Practical Ethics Report

“This project has been the glue bringing together multiple lines of scientific inquiry and deepening our understanding of stakeholder perspectives in a charged regulatory landscape.
None of this work would have been possible without the Practical Ethics program.”

 – Prof. Meghan Davis
Bloomberg School of Public Health, School of Medicine


The Berman Institute of Bioethics is a national and international leader in making sense of and finding answers to new ethical issues arising from rapid gains in health care, public health, and the biomedical sciences. But advances in science and technology increasingly touch aspects of our lives that go far beyond bioethics’ traditional purview.

In response, Berman Institute scholars and their colleagues across Johns Hopkins University have begun exploring contemporary ethical issues that cross academic disciplinary lines and take place in a wide range of professions and circumstances.

These efforts have been driven by the Exploration of Practical Ethics program, made possible by $250,000 in seed funding from Andreas Dracopoulos. Since launching in 2016, the Practical Ethics Program has funded 16 innovative projects, engaging faculty from every division of the university in interdisciplinary research addressing contemporary, real-world ethical challenges.

Their work has resulted in scholarly publications, media relations coverage, partnerships with government officials and industry leaders, and more than $1 million in additional external grant proposals to extend work begun in the Practical Ethics program.

In just three years, the Exploration of Practical Ethics has invigorated ethical research at Johns Hopkins. The Program has inspired collaborations across the university and beyond, bringing faculty expertise to bear on the most pressing issues of our day. And yet we’ve only scratched the surface of what this approach has to offer.

Ethical Robotics: Implementing Value-Driven Behavior in Autonomous Systems

As robots are granted greater autonomy, it’s imperative that they are endowed with ethical reasoning commensurate with their ability to both benefit and harm humanity. The project, led by ethics and robotics experts from the Berman Institute and the Johns Hopkins Applied Physics Lab, aims to develop an ethical framework for robots, implement the framework by extending existing robot capabilities, and assess the framework’s impact on robot behavior.

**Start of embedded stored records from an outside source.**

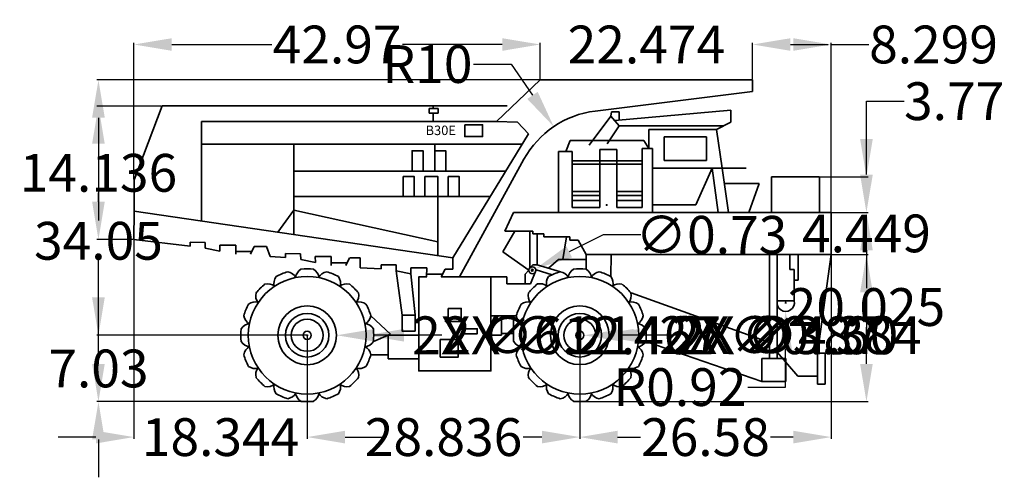
# Model space of a CAD drawing. Units: millimetres. Extents: x 52 to 156, y 12 to 60.
import ezdxf

# ---------------------------------------------------------------- set-up
doc = ezdxf.new("R2010")
doc.units = ezdxf.units.MM
doc.header["$MEASUREMENT"] = 0
for name, color, linetype, lineweight in [('M-DIMS', 2, 'Continuous', 18), ('M-OUTL', 7, 'Continuous', 35), ('M-TEXT', 3, 'Continuous', 25), ('M-WHEL', 8, 'Continuous', 35)]:
    doc.layers.add(name, color=color, linetype=linetype, lineweight=lineweight)
doc.styles.get("Standard").update_dxf_attribs({"font": 'arial.ttf'})
doc.dimstyles.get("Standard").update_dxf_attribs({"dimtxt": 4, "dimasz": 4, "dimexe": 0.18, "dimexo": 0.0625, "dimgap": 0.09, "dimtad": 0, "dimtih": 1, "dimtoh": 1, "dimdec": 0, "dimzin": 0, "dimdsep": 46, "dimtxsty": 'Standard', "dimcen": 0.09, "dimadec": 0, "dimazin": 0, "dimtfac": 1, "dimtdec": 0, "dimtofl": 0, "dimtmove": 0, "dimatfit": 3, "dimfxl": 1, "dimtolj": 1, "dimtzin": 0, "dimarcsym": 0})

# ---------------------------------------------------------------- blocks, each defined once
blk = doc.blocks.new('*U3')
for p, q in [((-6.73, -0.78), (-6.43, 0.09)), ((-4.89, 0.27), (-4.78, -0.69)), ((-3.11, -0.49), (-3.19, 0.15)), ((-3.19, 0.15), (-1.61, 0.02)), ((-1.61, 0.02), (-1.53, -0.6)), ((0.05, -0.42), (0, 0)), ((-4.86, -0.01), (-6.54, -0.21)), ((-4.78, -0.69), (-3.11, -0.49)), ((-1.53, -0.6), (0.05, -0.42))]:
    blk.add_line(p, q)
blk = doc.blocks.new('*U4')
at = {"layer": 'M-OUTL', "color": 0, "linetype": 'ByBlock', "lineweight": -2, "transparency": 16777216, "rotation": 173.2489355326982}
for p in [(70.14, 36.17), (80.23, 34.97), (90.33, 33.78)]:
    blk.add_blockref('*U3', p, dxfattribs=at)
blk = doc.blocks.new('*U1')
for centre, radius, start, end in [((0, -0.63), 1.25, 122.4091, 172.2725), ((0, -6.57), 7.03, 84.5202, 95.4798), ((0, -0.63), 1.25, 7.7275, 57.5909)]:
    blk.add_arc(centre, radius, start, end)
blk = doc.blocks.new('*U2')
at = {"color": 0, "linetype": 'ByBlock', "lineweight": -2, "transparency": 16777216}
for p, rotation in [((21.9, 20.49), 22.49999999999999), ((26.93, 20.49), 337.5), ((19.77, 19.07), 45.00000000000001), ((29.06, 19.07), 315), ((18.35, 16.94), 67.5), ((30.49, 16.94), 292.5), ((17.85, 14.43), 90), ((30.99, 14.43), 270), ((18.35, 11.91), 112.5), ((30.49, 11.91), 247.5), ((19.77, 9.78), 135), ((29.06, 9.78), 225), ((21.9, 8.36), 157.5), ((26.93, 8.36), 202.4999999999999), ((24.42, 7.86), 180)]:
    blk.add_blockref('*U1', p, dxfattribs=dict(at, rotation=rotation))
blk.add_blockref('*U1', (24.42, 21), dxfattribs=at)
blk = doc.blocks.new('WHEEL-TYRE')
for radius in [6.23, 3.11, 2.3, 1.69, 0.434]:
    blk.add_circle((6.23, 6.23), radius)
blk.add_blockref('*U2', (-18.18, -8.19))
blk = doc.blocks.new('*D6')
at = {"layer": 'Defpoints', "color": 0, "transparency": 16777216}
for p in [(107.16, 57.52), (107.16, 53.77), (64.19, 43.2)]:
    blk.add_point(p, dxfattribs=at)
at = {"layer": 'M-DIMS', "color": 0, "lineweight": -2, "transparency": 16777216}
for p, q in [((64.19, 43.26), (64.19, 57.7)), ((68.19, 57.52), (78.76, 57.52)), ((103.16, 57.52), (92.6, 57.52)), ((107.16, 53.84), (107.16, 57.7))]:
    blk.add_line(p, q, dxfattribs=at)
at = {"layer": 'M-DIMS', "color": 0, "transparency": 16777216}
for points in [[(68.19, 58.18), (68.19, 56.85), (64.19, 57.52)], [(103.16, 58.18), (103.16, 56.85), (107.16, 57.52)]]:
    blk.add_solid(points, dxfattribs=at)
at = {"layer": 'M-DIMS', "color": 0, "transparency": 16777216, "insert": (85.68, 57.52), "char_height": 4, "attachment_point": 5}
blk.add_mtext('\\A1;42.97', dxfattribs=at)
blk = doc.blocks.new('*D7')
at = {"layer": 'Defpoints', "color": 0, "transparency": 16777216}
for p in [(129.64, 57.52), (107.16, 53.77), (129.64, 53.77)]:
    blk.add_point(p, dxfattribs=at)
at = {"layer": 'M-DIMS', "color": 0, "lineweight": -2, "transparency": 16777216}
for p, q in [((103.16, 57.52), (99.16, 57.52)), ((107.16, 53.84), (107.16, 57.7)), ((129.64, 53.84), (129.64, 57.7)), ((133.64, 57.52), (137.64, 57.52))]:
    blk.add_line(p, q, dxfattribs=at)
at = {"layer": 'M-DIMS', "color": 0, "transparency": 16777216}
for points in [[(103.16, 58.18), (103.16, 56.85), (107.16, 57.52)], [(133.64, 58.18), (133.64, 56.85), (129.64, 57.52)]]:
    blk.add_solid(points, dxfattribs=at)
at = {"layer": 'M-DIMS', "color": 0, "transparency": 16777216, "insert": (118.4, 57.52), "char_height": 4, "attachment_point": 5}
blk.add_mtext('\\A1;22.474', dxfattribs=at)
blk = doc.blocks.new('*D8')
at = {"layer": 'Defpoints', "color": 0, "transparency": 16777216}
for p in [(137.94, 57.52), (129.64, 53.77), (137.94, 39.75)]:
    blk.add_point(p, dxfattribs=at)
at = {"layer": 'M-DIMS', "color": 0, "lineweight": -2, "transparency": 16777216}
for p, q in [((129.64, 53.84), (129.64, 57.7)), ((133.64, 57.52), (133.94, 57.52)), ((137.94, 39.81), (137.94, 57.7)), ((137.94, 57.52), (141.94, 57.52))]:
    blk.add_line(p, q, dxfattribs=at)
at = {"layer": 'M-DIMS', "color": 0, "transparency": 16777216}
for points in [[(133.64, 58.18), (133.64, 56.85), (129.64, 57.52)], [(133.94, 58.18), (133.94, 56.85), (137.94, 57.52)]]:
    blk.add_solid(points, dxfattribs=at)
at = {"layer": 'M-DIMS', "color": 0, "transparency": 16777216, "insert": (148.78, 57.52), "char_height": 4, "attachment_point": 5}
blk.add_mtext('\\A1;8.299', dxfattribs=at)
blk = doc.blocks.new('*D9')
at = {"layer": 'Defpoints', "color": 0, "transparency": 16777216}
for p in [(64.17, 36.88), (82.52, 26.75), (82.52, 15.98)]:
    blk.add_point(p, dxfattribs=at)
at = {"layer": 'M-DIMS', "color": 0, "lineweight": -2, "transparency": 16777216}
for p, q in [((64.17, 36.81), (64.17, 15.8)), ((82.52, 26.69), (82.52, 15.8)), ((60.17, 15.98), (56.17, 15.98)), ((86.52, 15.98), (90.52, 15.98))]:
    blk.add_line(p, q, dxfattribs=at)
at = {"layer": 'M-DIMS', "color": 0, "transparency": 16777216}
for points in [[(60.17, 16.65), (60.17, 15.31), (64.17, 15.98)], [(86.52, 16.65), (86.52, 15.31), (82.52, 15.98)]]:
    blk.add_solid(points, dxfattribs=at)
at = {"layer": 'M-DIMS', "color": 0, "transparency": 16777216, "insert": (73.35, 15.98), "char_height": 4, "attachment_point": 5}
blk.add_mtext('\\A1;18.344', dxfattribs=at)
blk = doc.blocks.new('*D10')
at = {"layer": 'Defpoints', "color": 0, "transparency": 16777216}
for p in [(82.52, 26.75), (111.35, 26.75), (111.35, 15.98)]:
    blk.add_point(p, dxfattribs=at)
at = {"layer": 'M-DIMS', "color": 0, "lineweight": -2, "transparency": 16777216}
for p, q in [((82.52, 26.69), (82.52, 15.8)), ((111.35, 26.69), (111.35, 15.8)), ((86.52, 15.98), (88.51, 15.98)), ((107.35, 15.98), (105.36, 15.98))]:
    blk.add_line(p, q, dxfattribs=at)
at = {"layer": 'M-DIMS', "color": 0, "transparency": 16777216}
for points in [[(86.52, 16.65), (86.52, 15.31), (82.52, 15.98)], [(107.35, 16.65), (107.35, 15.31), (111.35, 15.98)]]:
    blk.add_solid(points, dxfattribs=at)
at = {"layer": 'M-DIMS', "color": 0, "transparency": 16777216, "insert": (96.94, 15.98), "char_height": 4, "attachment_point": 5}
blk.add_mtext('\\A1;28.836', dxfattribs=at)
blk = doc.blocks.new('*D11')
at = {"layer": 'Defpoints', "color": 0, "transparency": 16777216}
for p in [(137.94, 35.3), (111.35, 26.75), (137.94, 15.98)]:
    blk.add_point(p, dxfattribs=at)
at = {"layer": 'M-DIMS', "color": 0, "lineweight": -2, "transparency": 16777216}
for p, q in [((137.94, 35.24), (137.94, 15.8)), ((111.35, 26.69), (111.35, 15.8)), ((115.35, 15.98), (117.77, 15.98)), ((133.94, 15.98), (131.52, 15.98))]:
    blk.add_line(p, q, dxfattribs=at)
at = {"layer": 'M-DIMS', "color": 0, "transparency": 16777216}
for points in [[(115.35, 16.65), (115.35, 15.31), (111.35, 15.98)], [(133.94, 16.65), (133.94, 15.31), (137.94, 15.98)]]:
    blk.add_solid(points, dxfattribs=at)
at = {"layer": 'M-DIMS', "color": 0, "transparency": 16777216, "insert": (124.65, 15.98), "char_height": 4, "attachment_point": 5}
blk.add_mtext('\\A1;26.58', dxfattribs=at)
blk = doc.blocks.new('*D12')
at = {"layer": 'Defpoints', "color": 0, "transparency": 16777216}
for p in [(60.43, 53.77), (107.16, 53.77), (82.52, 19.73)]:
    blk.add_point(p, dxfattribs=at)
at = {"layer": 'M-DIMS', "color": 0, "lineweight": -2, "transparency": 16777216}
for p, q in [((107.1, 53.77), (60.25, 53.77)), ((60.43, 49.77), (60.43, 38.88)), ((60.43, 23.73), (60.43, 34.62)), ((82.46, 19.73), (60.25, 19.73))]:
    blk.add_line(p, q, dxfattribs=at)
at = {"layer": 'M-DIMS', "color": 0, "transparency": 16777216}
for points in [[(59.76, 49.77), (61.1, 49.77), (60.43, 53.77)], [(59.76, 23.73), (61.1, 23.73), (60.43, 19.73)]]:
    blk.add_solid(points, dxfattribs=at)
at = {"layer": 'M-DIMS', "color": 0, "transparency": 16777216, "insert": (60.43, 36.75), "char_height": 4, "attachment_point": 5}
blk.add_mtext('\\A1;34.05', dxfattribs=at)
blk = doc.blocks.new('*D13')
at = {"layer": 'Defpoints', "color": 0, "transparency": 16777216}
for p in [(60.43, 26.75), (82.52, 26.75), (82.52, 19.73)]:
    blk.add_point(p, dxfattribs=at)
at = {"layer": 'M-DIMS', "color": 0, "lineweight": -2, "transparency": 16777216}
for p, q in [((60.43, 30.75), (60.43, 34.75)), ((82.46, 26.75), (60.25, 26.75)), ((82.46, 19.73), (60.25, 19.73)), ((60.43, 15.73), (60.43, 11.73))]:
    blk.add_line(p, q, dxfattribs=at)
at = {"layer": 'M-DIMS', "color": 0, "transparency": 16777216}
for points in [[(59.76, 30.75), (61.1, 30.75), (60.43, 26.75)], [(59.76, 15.73), (61.1, 15.73), (60.43, 19.73)]]:
    blk.add_solid(points, dxfattribs=at)
at = {"layer": 'M-DIMS', "color": 0, "transparency": 16777216, "insert": (60.43, 23.24), "char_height": 4, "attachment_point": 5}
blk.add_mtext('\\A1;7.03', dxfattribs=at)
blk = doc.blocks.new('*D14')
at = {"layer": 'Defpoints', "color": 0, "transparency": 16777216}
for p in [(60.43, 51.01), (67.17, 51.01), (64.17, 36.88)]:
    blk.add_point(p, dxfattribs=at)
at = {"layer": 'M-DIMS', "color": 0, "lineweight": -2, "transparency": 16777216}
for p, q in [((67.11, 51.01), (60.25, 51.01)), ((60.43, 47.01), (60.43, 46.08)), ((60.43, 40.88), (60.43, 41.81)), ((64.11, 36.88), (60.25, 36.88))]:
    blk.add_line(p, q, dxfattribs=at)
at = {"layer": 'M-DIMS', "color": 0, "transparency": 16777216}
for points in [[(59.76, 47.01), (61.1, 47.01), (60.43, 51.01)], [(59.76, 40.88), (61.1, 40.88), (60.43, 36.88)]]:
    blk.add_solid(points, dxfattribs=at)
at = {"layer": 'M-DIMS', "color": 0, "transparency": 16777216, "insert": (60.43, 43.94), "char_height": 4, "attachment_point": 5}
blk.add_mtext('\\A1;14.136', dxfattribs=at)
blk = doc.blocks.new('*D15')
at = {"layer": 'Defpoints', "color": 0, "transparency": 16777216}
for p in [(137.94, 39.75), (141.68, 39.75), (137.94, 35.3)]:
    blk.add_point(p, dxfattribs=at)
at = {"layer": 'M-DIMS', "color": 0, "lineweight": -2, "transparency": 16777216}
for p, q in [((141.68, 43.75), (141.68, 47.75)), ((138, 39.75), (141.86, 39.75)), ((138, 35.3), (141.86, 35.3)), ((141.68, 31.3), (141.68, 27.3))]:
    blk.add_line(p, q, dxfattribs=at)
at = {"layer": 'M-DIMS', "color": 0, "transparency": 16777216}
for points in [[(141.01, 43.75), (142.35, 43.75), (141.68, 39.75)], [(141.01, 31.3), (142.35, 31.3), (141.68, 35.3)]]:
    blk.add_solid(points, dxfattribs=at)
at = {"layer": 'M-DIMS', "color": 0, "transparency": 16777216, "insert": (141.68, 37.53), "char_height": 4, "attachment_point": 5}
blk.add_mtext('\\A1;4.449', dxfattribs=at)
blk = doc.blocks.new('*D16')
at = {"layer": 'Defpoints', "color": 0, "transparency": 16777216}
for p in [(137.94, 39.75), (141.68, 39.75), (111.35, 19.73)]:
    blk.add_point(p, dxfattribs=at)
at = {"layer": 'M-DIMS', "color": 0, "lineweight": -2, "transparency": 16777216}
for p, q in [((138, 39.75), (141.86, 39.75)), ((141.68, 35.75), (141.68, 31.87)), ((141.68, 23.73), (141.68, 27.61)), ((111.42, 19.73), (141.86, 19.73))]:
    blk.add_line(p, q, dxfattribs=at)
at = {"layer": 'M-DIMS', "color": 0, "transparency": 16777216}
for points in [[(141.01, 35.75), (142.35, 35.75), (141.68, 39.75)], [(141.01, 23.73), (142.35, 23.73), (141.68, 19.73)]]:
    blk.add_solid(points, dxfattribs=at)
at = {"layer": 'M-DIMS', "color": 0, "transparency": 16777216, "insert": (141.68, 29.74), "char_height": 4, "attachment_point": 5}
blk.add_mtext('\\A1;20.025', dxfattribs=at)
blk = doc.blocks.new('*D17')
at = {"layer": 'Defpoints', "color": 0, "transparency": 16777216}
for p in [(136.7, 43.52), (141.68, 43.52), (137.94, 39.75)]:
    blk.add_point(p, dxfattribs=at)
at = {"layer": 'M-DIMS', "color": 0, "lineweight": -2, "transparency": 16777216}
for p, q in [((141.68, 47.52), (141.68, 51.52)), ((141.68, 51.52), (145.68, 51.52)), ((136.77, 43.52), (141.86, 43.52)), ((138, 39.75), (141.86, 39.75)), ((141.68, 35.75), (141.68, 31.75))]:
    blk.add_line(p, q, dxfattribs=at)
at = {"layer": 'M-DIMS', "color": 0, "transparency": 16777216}
for points in [[(141.01, 47.52), (142.35, 47.52), (141.68, 43.52)], [(141.01, 35.75), (142.35, 35.75), (141.68, 39.75)]]:
    blk.add_solid(points, dxfattribs=at)
at = {"layer": 'M-DIMS', "color": 0, "transparency": 16777216, "insert": (150.96, 51.52), "char_height": 4, "attachment_point": 5}
blk.add_mtext('\\A1;3.77', dxfattribs=at)
blk = doc.blocks.new('*D18')
at = {"layer": 'Defpoints', "color": 0, "transparency": 16777216}
for p in [(76.28, 26.75), (88.75, 26.75)]:
    blk.add_point(p, dxfattribs=at)
at = {"layer": 'M-DIMS', "color": 0, "lineweight": -2, "transparency": 16777216}
for p, q in [((82.43, 26.75), (82.61, 26.75)), ((82.52, 26.66), (82.52, 26.84)), ((96.75, 26.75), (92.75, 26.75))]:
    blk.add_line(p, q, dxfattribs=at)
at = {"layer": 'M-DIMS', "color": 0, "transparency": 16777216}
blk.add_solid([(92.75, 27.42), (92.75, 26.09), (88.75, 26.75)], dxfattribs=at)
at = {"layer": 'M-DIMS', "color": 0, "transparency": 16777216, "insert": (111.55, 26.75), "char_height": 4, "attachment_point": 5}
blk.add_mtext('\\A1;2X ∅12.467', dxfattribs=at)
blk = doc.blocks.new('*D19')
at = {"layer": 'Defpoints', "color": 0, "transparency": 16777216}
for p in [(79.41, 26.75), (85.63, 26.75)]:
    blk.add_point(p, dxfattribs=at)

“The requirement for working across multiple schools at JHU led to this fruitful collaboration. Without Practical Ethics, I would never have reached out to my co-researcher. This project has fundamentally changed the trajectory of my academic career.”
Johnathon Ehsani
Leon S. Robertson Faculty Development Chair in Injury Prevention
Bloomberg School of Public Health


The Practical Ethics Program required JHU faculty to work with colleagues from other divisions across the university. In addition, researchers have developed meaningful collaborations with institutions worldwide.

“Through Practical Ethics, I discovered a community of like-minded people and resources at Hopkins that I might not have otherwise found, and a meaningful home for my work beyond the Peabody Institute.”

  • Judah Adashi
    Peabody Institute



A primary goal of the Practical Ethics Program is to complete projects with real-world impact. Even with work still in progress, researchers are garnering news coverage, publishing scholarship, and more.

“The grant enabled us to do intensely focused work on the ethics of university community engagement, which has become one of the ongoing priority themes of the Arrighi Center for Global Studies.”

  • Beverly Silver
    Krieger School of Arts and Sciences

View impact of faculty’s work

leveraging success

Researchers are leveraging the success of their Practical Ethics projects to seek additional external funding. Currently more than $1 million in proposals are pending.

“Our submitted $500,000 proposal would further work initiated by Practical Ethics, as well as grow into a new area, how antimicrobial use changes impact management practices on a farm.”